A military comparison is more complex, in part because much of the comparison is classified. The United States is far more reliant than China on space for military advantage; armed conflict with China would see Chinese efforts to disrupt, damage, or destroy U.S. military spacecraft and the United States could retaliate in kind. The United States still has advantages, but with China and other hostile nations building anti-satellite capabilities, the risk to this advantage is greater than many would like. Renaming and reorganizing U.S. military space efforts will not change this.

U.S. earth observation programs are robust, despite occasional political aversion to climate science, but planetary monitoring (for weather and climate change and natural disasters) is something best seen as done in partnership with the European Space Agency, Japan, and other European space nations. Many nations now have earth remote sensing platforms with varying capabilities. Whoever provides Americans with news about the weather, they are channeling for NASA and the National Oceans and Atmospheric Agency’s (NOAA) remote sensing satellite programs, and these earth science space programs are not really a competition, but the U.S. program remains one of the most sophisticated in the world.

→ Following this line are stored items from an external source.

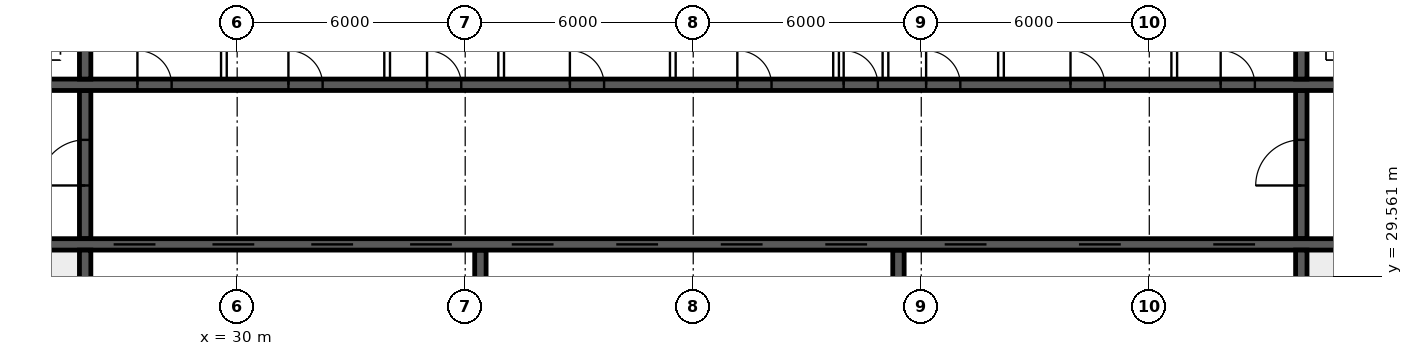
"""IFC4 building model, lengths in metres.
Left out: names, types, materials, properties, quantities, classifications, styles, units other than length and angle.
Written with IfcOpenShell. Run it as: python <this file> out.ifc"""

import sys

from ifc_helpers import new_model, si_unit, direction, frame, frame_2d, origin, place, context, subcontext, project, spatial, rectangle, extrude, element, fill, save


model = new_model("IFC4")
c1 = context("Model", 3, precision=1e-05, world=origin(), true_north=direction((0.0, 1.0)))
c2 = subcontext(c1, "Body", "Model", "MODEL_VIEW")
j1 = project(units=[si_unit("LENGTHUNIT", "METRE"), si_unit("PLANEANGLEUNIT", "RADIAN")], contexts=[c1])
p1 = place(None, origin())
s1 = spatial("IfcSite", under=j1, at=p1, CompositionType="ELEMENT")
p2 = place(p1, origin())
s2 = spatial("IfcBuilding", under=s1, at=p2, CompositionType="ELEMENT")
p3 = place(p2, origin())
s3 = spatial("IfcBuildingStorey", under=s2, at=p3, CompositionType="ELEMENT", Elevation=0.0)
p4 = place(p3, frame((18.5, 30.4, 0.0), z_axis=(0.0, 0.0, 1.0), x_axis=(1.0, 0.0, 0.0)))
e1 = element("IfcWall", 1, at=p4, inside=s3, PredefinedType="SHEAR", context=c2, shape_type="SweptSolid", body=[
    extrude(rectangle(XDim=47.0, YDim=0.3, at=frame_2d((23.5, 0.0))), origin(), (0.0, 0.0, 1.0), 6.0),
])
p5 = place(p4, frame((0.4, 0.0, 0.0)))
e2 = element("IfcOpeningElement", 2, at=p5, cuts=e1, PredefinedType="OPENING", context=c2, shape_type="SweptSolid", body=[
    extrude(rectangle(XDim=1.0, YDim=2.1, at=frame_2d((0.5, 1.05))), frame((0.0, 0.16, 0.0), z_axis=(0.0, -1.0, 0.0), x_axis=(1.0, 0.0, 0.0)), (0.0, 0.0, 1.0), 0.32),
])
p6 = place(p4, frame((45.6, 0.0, 0.0)))
e3 = element("IfcOpeningElement", 3, at=p6, cuts=e1, PredefinedType="OPENING", context=c2, shape_type="SweptSolid", body=[
    extrude(rectangle(XDim=1.0, YDim=2.1, at=frame_2d((0.5, 1.05))), frame((0.0, 0.16, 0.0), z_axis=(0.0, -1.0, 0.0), x_axis=(1.0, 0.0, 0.0)), (0.0, 0.0, 1.0), 0.32),
])
p7 = place(p4, frame((8.25, 0.0, 0.0)))
e4 = element("IfcOpeningElement", 4, at=p7, cuts=e1, PredefinedType="OPENING", context=c2, shape_type="SweptSolid", body=[
    extrude(rectangle(XDim=1.1, YDim=2.1, at=frame_2d((0.55, 1.05))), frame((0.0, 0.16, 0.0), z_axis=(0.0, -1.0, 0.0), x_axis=(1.0, 0.0, 0.0)), (0.0, 0.0, 1.0), 0.32),
])
p8 = place(p4, frame((10.85, 0.0, 0.0)))
e5 = element("IfcOpeningElement", 5, at=p8, cuts=e1, PredefinedType="OPENING", context=c2, shape_type="SweptSolid", body=[
    extrude(rectangle(XDim=1.1, YDim=2.1, at=frame_2d((0.55, 1.05))), frame((0.0, 0.16, 0.0), z_axis=(0.0, -1.0, 0.0), x_axis=(1.0, 0.0, 0.0)), (0.0, 0.0, 1.0), 0.32),
])
p9 = place(p4, frame((13.45, 0.0, 0.0)))
e6 = element("IfcOpeningElement", 6, at=p9, cuts=e1, PredefinedType="OPENING", context=c2, shape_type="SweptSolid", body=[
    extrude(rectangle(XDim=1.1, YDim=2.1, at=frame_2d((0.55, 1.05))), frame((0.0, 0.16, 0.0), z_axis=(0.0, -1.0, 0.0), x_axis=(1.0, 0.0, 0.0)), (0.0, 0.0, 1.0), 0.32),
])
p10 = place(p4, frame((16.05, 0.0, 0.0)))
e7 = element("IfcOpeningElement", 7, at=p10, cuts=e1, PredefinedType="OPENING", context=c2, shape_type="SweptSolid", body=[
    extrude(rectangle(XDim=1.1, YDim=2.1, at=frame_2d((0.55, 1.05))), frame((0.0, 0.16, 0.0), z_axis=(0.0, -1.0, 0.0), x_axis=(1.0, 0.0, 0.0)), (0.0, 0.0, 1.0), 0.32),
])
p11 = place(p4, frame((18.725, 0.0, 0.0)))
e8 = element("IfcOpeningElement", 8, at=p11, cuts=e1, PredefinedType="OPENING", context=c2, shape_type="SweptSolid", body=[
    extrude(rectangle(XDim=1.1, YDim=2.1, at=frame_2d((0.55, 1.05))), frame((0.0, 0.16, 0.0), z_axis=(0.0, -1.0, 0.0), x_axis=(1.0, 0.0, 0.0)), (0.0, 0.0, 1.0), 0.32),
])
p12 = place(p4, frame((21.475, 0.0, 0.0)))
e9 = element("IfcOpeningElement", 9, at=p12, cuts=e1, PredefinedType="OPENING", context=c2, shape_type="SweptSolid", body=[
    extrude(rectangle(XDim=1.1, YDim=2.1, at=frame_2d((0.55, 1.05))), frame((0.0, 0.16, 0.0), z_axis=(0.0, -1.0, 0.0), x_axis=(1.0, 0.0, 0.0)), (0.0, 0.0, 1.0), 0.32),
])
p13 = place(p4, frame((24.225, 0.0, 0.0)))
e10 = element("IfcOpeningElement", 10, at=p13, cuts=e1, PredefinedType="OPENING", context=c2, shape_type="SweptSolid", body=[
    extrude(rectangle(XDim=1.1, YDim=2.1, at=frame_2d((0.55, 1.05))), frame((0.0, 0.16, 0.0), z_axis=(0.0, -1.0, 0.0), x_axis=(1.0, 0.0, 0.0)), (0.0, 0.0, 1.0), 0.32),
])
p14 = place(p4, frame((26.975, 0.0, 0.0)))
e11 = element("IfcOpeningElement", 11, at=p14, cuts=e1, PredefinedType="OPENING", context=c2, shape_type="SweptSolid", body=[
    extrude(rectangle(XDim=1.1, YDim=2.1, at=frame_2d((0.55, 1.05))), frame((0.0, 0.16, 0.0), z_axis=(0.0, -1.0, 0.0), x_axis=(1.0, 0.0, 0.0)), (0.0, 0.0, 1.0), 0.32),
])
p15 = place(p4, frame((30.117, 0.0, 0.0)))
e12 = element("IfcOpeningElement", 12, at=p15, cuts=e1, PredefinedType="OPENING", context=c2, shape_type="SweptSolid", body=[
    extrude(rectangle(XDim=1.1, YDim=2.1, at=frame_2d((0.55, 1.05))), frame((0.0, 0.16, 0.0), z_axis=(0.0, -1.0, 0.0), x_axis=(1.0, 0.0, 0.0)), (0.0, 0.0, 1.0), 0.32),
])
p16 = place(p4, frame((33.65, 0.0, 0.0)))
e13 = element("IfcOpeningElement", 13, at=p16, cuts=e1, PredefinedType="OPENING", context=c2, shape_type="SweptSolid", body=[
    extrude(rectangle(XDim=1.1, YDim=2.1, at=frame_2d((0.55, 1.05))), frame((0.0, 0.16, 0.0), z_axis=(0.0, -1.0, 0.0), x_axis=(1.0, 0.0, 0.0)), (0.0, 0.0, 1.0), 0.32),
])
p17 = place(p4, frame((37.183, 0.0, 0.0)))
e14 = element("IfcOpeningElement", 14, at=p17, cuts=e1, PredefinedType="OPENING", context=c2, shape_type="SweptSolid", body=[
    extrude(rectangle(XDim=1.1, YDim=2.1, at=frame_2d((0.55, 1.05))), frame((0.0, 0.16, 0.0), z_axis=(0.0, -1.0, 0.0), x_axis=(1.0, 0.0, 0.0)), (0.0, 0.0, 1.0), 0.32),
])
p18 = place(p3, frame((18.5, 34.6, 0.0), z_axis=(0.0, 0.0, 1.0), x_axis=(1.0, 0.0, 0.0)))
e15 = element("IfcWall", 15, at=p18, inside=s3, PredefinedType="SHEAR", context=c2, shape_type="SweptSolid", body=[
    extrude(rectangle(XDim=47.0, YDim=0.3, at=frame_2d((23.5, 0.0))), origin(), (0.0, 0.0, 1.0), 6.0),
])
p19 = place(p18, frame((0.9, 0.0, 0.0)))
e16 = element("IfcOpeningElement", 16, at=p19, cuts=e15, PredefinedType="OPENING", context=c2, shape_type="SweptSolid", body=[
    extrude(rectangle(XDim=1.1, YDim=2.1, at=frame_2d((0.55, 1.05))), frame((0.0, 0.16, 0.0), z_axis=(0.0, -1.0, 0.0), x_axis=(1.0, 0.0, 0.0)), (0.0, 0.0, 1.0), 0.32),
])
p20 = place(p18, frame((45.0, 0.0, 0.0)))
e17 = element("IfcOpeningElement", 17, at=p20, cuts=e15, PredefinedType="OPENING", context=c2, shape_type="SweptSolid", body=[
    extrude(rectangle(XDim=1.1, YDim=2.1, at=frame_2d((0.55, 1.05))), frame((0.0, 0.16, 0.0), z_axis=(0.0, -1.0, 0.0), x_axis=(1.0, 0.0, 0.0)), (0.0, 0.0, 1.0), 0.32),
])
p21 = place(p18, frame((4.1, 0.0, 0.0)))
e18 = element("IfcOpeningElement", 18, at=p21, cuts=e15, PredefinedType="OPENING", context=c2, shape_type="SweptSolid", body=[
    extrude(rectangle(XDim=0.9, YDim=2.1, at=frame_2d((0.45, 1.05))), frame((0.0, 0.16, 0.0), z_axis=(0.0, -1.0, 0.0), x_axis=(1.0, 0.0, 0.0)), (0.0, 0.0, 1.0), 0.32),
])
p22 = place(p18, frame((42.0, 0.0, 0.0)))
e19 = element("IfcOpeningElement", 19, at=p22, cuts=e15, PredefinedType="OPENING", context=c2, shape_type="SweptSolid", body=[
    extrude(rectangle(XDim=0.9, YDim=2.1, at=frame_2d((0.45, 1.05))), frame((0.0, 0.16, 0.0), z_axis=(0.0, -1.0, 0.0), x_axis=(1.0, 0.0, 0.0)), (0.0, 0.0, 1.0), 0.32),
])
p23 = place(p18, frame((8.875, 0.0, 0.0)))
e20 = element("IfcOpeningElement", 20, at=p23, cuts=e15, PredefinedType="OPENING", context=c2, shape_type="SweptSolid", body=[
    extrude(rectangle(XDim=0.9, YDim=2.1, at=frame_2d((0.45, 1.05))), frame((0.0, 0.16, 0.0), z_axis=(0.0, -1.0, 0.0), x_axis=(1.0, 0.0, 0.0)), (0.0, 0.0, 1.0), 0.32),
])
p24 = place(p18, frame((12.849, 0.0, 0.0)))
e21 = element("IfcOpeningElement", 21, at=p24, cuts=e15, PredefinedType="OPENING", context=c2, shape_type="SweptSolid", body=[
    extrude(rectangle(XDim=0.9, YDim=2.1, at=frame_2d((0.45, 1.05))), frame((0.0, 0.16, 0.0), z_axis=(0.0, -1.0, 0.0), x_axis=(1.0, 0.0, 0.0)), (0.0, 0.0, 1.0), 0.32),
])
p25 = place(p18, frame((16.496, 0.0, 0.0)))
e22 = element("IfcOpeningElement", 22, at=p25, cuts=e15, PredefinedType="OPENING", context=c2, shape_type="SweptSolid", body=[
    extrude(rectangle(XDim=0.9, YDim=2.1, at=frame_2d((0.45, 1.05))), frame((0.0, 0.16, 0.0), z_axis=(0.0, -1.0, 0.0), x_axis=(1.0, 0.0, 0.0)), (0.0, 0.0, 1.0), 0.32),
])
p26 = place(p18, frame((20.255, 0.0, 0.0)))
e23 = element("IfcOpeningElement", 23, at=p26, cuts=e15, PredefinedType="OPENING", context=c2, shape_type="SweptSolid", body=[
    extrude(rectangle(XDim=0.9, YDim=2.1, at=frame_2d((0.45, 1.05))), frame((0.0, 0.16, 0.0), z_axis=(0.0, -1.0, 0.0), x_axis=(1.0, 0.0, 0.0)), (0.0, 0.0, 1.0), 0.32),
])
p27 = place(p18, frame((24.661, 0.0, 0.0)))
e24 = element("IfcOpeningElement", 24, at=p27, cuts=e15, PredefinedType="OPENING", context=c2, shape_type="SweptSolid", body=[
    extrude(rectangle(XDim=0.9, YDim=2.1, at=frame_2d((0.45, 1.05))), frame((0.0, 0.16, 0.0), z_axis=(0.0, -1.0, 0.0), x_axis=(1.0, 0.0, 0.0)), (0.0, 0.0, 1.0), 0.32),
])
p28 = place(p18, frame((27.458, 0.0, 0.0)))
e25 = element("IfcOpeningElement", 25, at=p28, cuts=e15, PredefinedType="OPENING", context=c2, shape_type="SweptSolid", body=[
    extrude(rectangle(XDim=0.9, YDim=2.1, at=frame_2d((0.45, 1.05))), frame((0.0, 0.16, 0.0), z_axis=(0.0, -1.0, 0.0), x_axis=(1.0, 0.0, 0.0)), (0.0, 0.0, 1.0), 0.32),
])
p29 = place(p18, frame((29.628, 0.0, 0.0)))
e26 = element("IfcOpeningElement", 26, at=p29, cuts=e15, PredefinedType="OPENING", context=c2, shape_type="SweptSolid", body=[
    extrude(rectangle(XDim=0.9, YDim=2.1, at=frame_2d((0.45, 1.05))), frame((0.0, 0.16, 0.0), z_axis=(0.0, -1.0, 0.0), x_axis=(1.0, 0.0, 0.0)), (0.0, 0.0, 1.0), 0.32),
])
p30 = place(p18, frame((33.427, 0.0, 0.0)))
e27 = element("IfcOpeningElement", 27, at=p30, cuts=e15, PredefinedType="OPENING", context=c2, shape_type="SweptSolid", body=[
    extrude(rectangle(XDim=0.9, YDim=2.1, at=frame_2d((0.45, 1.05))), frame((0.0, 0.16, 0.0), z_axis=(0.0, -1.0, 0.0), x_axis=(1.0, 0.0, 0.0)), (0.0, 0.0, 1.0), 0.32),
])
p31 = place(p18, frame((37.378, 0.0, 0.0)))
e28 = element("IfcOpeningElement", 28, at=p31, cuts=e15, PredefinedType="OPENING", context=c2, shape_type="SweptSolid", body=[
    extrude(rectangle(XDim=0.9, YDim=2.1, at=frame_2d((0.45, 1.05))), frame((0.0, 0.16, 0.0), z_axis=(0.0, -1.0, 0.0), x_axis=(1.0, 0.0, 0.0)), (0.0, 0.0, 1.0), 0.32),
])
for number, where, z_axis, x_axis in (
    (29, (26.0, 26.3, 0.0), (0.0, 0.0, 1.0), (0.0, 1.0, 0.0)),
    (30, (58.0, 26.3, 0.0), (0.0, 0.0, 1.0), (0.0, 1.0, 0.0)),
):
    element("IfcWall", number, at=place(p3, frame(where, z_axis=z_axis, x_axis=x_axis)), inside=s3, PredefinedType="SHEAR", context=c2, shape_type="SweptSolid", body=[
        extrude(rectangle(XDim=3.95, YDim=0.3, at=frame_2d((1.975, 0.0))), origin(), (0.0, 0.0, 1.0), 6.0),
    ])
p32 = place(p3, frame((26.0, 30.55, 0.0), z_axis=(0.0, 0.0, 1.0), x_axis=(0.0, 1.0, 0.0)))
e31 = element("IfcWall", 31, at=p32, inside=s3, PredefinedType="SHEAR", context=c2, shape_type="SweptSolid", body=[
    extrude(rectangle(XDim=3.9, YDim=0.3, at=frame_2d((1.95, 0.0))), origin(), (0.0, 0.0, 1.0), 6.0),
])
p33 = place(p32, frame((1.4, 0.0, 0.0)))
e32 = element("IfcOpeningElement", 32, at=p33, cuts=e31, PredefinedType="OPENING", context=c2, shape_type="SweptSolid", body=[
    extrude(rectangle(XDim=1.2, YDim=2.1, at=frame_2d((0.6, 1.05))), frame((0.0, 0.16, 0.0), z_axis=(0.0, -1.0, 0.0), x_axis=(1.0, 0.0, 0.0)), (0.0, 0.0, 1.0), 0.32),
])
p34 = place(p3, frame((58.0, 30.55, 0.0), z_axis=(0.0, 0.0, 1.0), x_axis=(0.0, 1.0, 0.0)))
e33 = element("IfcWall", 33, at=p34, inside=s3, PredefinedType="SHEAR", context=c2, shape_type="SweptSolid", body=[
    extrude(rectangle(XDim=3.9, YDim=0.3, at=frame_2d((1.95, 0.0))), origin(), (0.0, 0.0, 1.0), 6.0),
])
p35 = place(p34, frame((1.4, 0.0, 0.0)))
e34 = element("IfcOpeningElement", 34, at=p35, cuts=e33, PredefinedType="OPENING", context=c2, shape_type="SweptSolid", body=[
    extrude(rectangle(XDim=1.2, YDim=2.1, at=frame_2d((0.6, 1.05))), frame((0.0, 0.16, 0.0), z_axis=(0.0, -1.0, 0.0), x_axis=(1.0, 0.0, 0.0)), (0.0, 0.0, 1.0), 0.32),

If there is a dark spot on this picture, it is in human spaceflight. China can put people in space, as can Russia, but the United States cannot. In fact, the landing on the moon should be seen as another step toward China’s goal of landing humans on the Moon. The Colombia disaster made NASA risk-averse, slowing the development of manned programs to a crawl. The previous administration’s decision to rely on commercial space programs for human flight has not yet born fruit, and these efforts so far have repeated what U.S. space programs did in the 1950s. The promised flight to Mars was always a fantasy. Right now, China has the most promising human spaceflight program.

Despite various promises to rebuild Russia’s space program, it is in a slow decline. Russia successfully restored its Global Navigation Satellite System (GLONASS) navigation system a few years ago, but few new initiatives have gone much past the public announcement phase. A few other nations have space programs, but they are unremarkable.

This assessment discounts the International Space Station. It is impressive for NASA and its partners to have maintained a continuous presence in space (albeit in low earth orbit, roughly 250 miles above the surface and with dependence on Russian spacecraft for crewing), but the space station has become a sort of exploratory backwater. China would like to have its own space station but has been unable to sustain a continuous presence. Russia has said it separates its section of the International Space Station to form the core of a new entirely Russian space station, but this has not gone much beyond the planning phase.

In three out of four areas of space activity, the United States maintains an advantage in any “race.” It is only in manned flight, with its political symbolism, that China is a competitor and may surpass us. As with so many areas of competition between China and the United States, it is not that China is speeding up but that the United States is slowing down, hobbled by its fractious politics (China has not had a government shutdown in decades). China’s leaders see space programs as a way to speed recognition of China as a great power equal (and perhaps superior) to the United States. U.S. space technology is superior, our robotic programs are unmatched, but our civil space programs are disconnected from national politics and a strategic framework. Perhaps this will change when China lands explorers on the moon. A manned presence on the moon is an achievable goal for the United States and, soon, for China. But if it is a race, and if nothing changes, we can predict who will get to the Moon’s surface first.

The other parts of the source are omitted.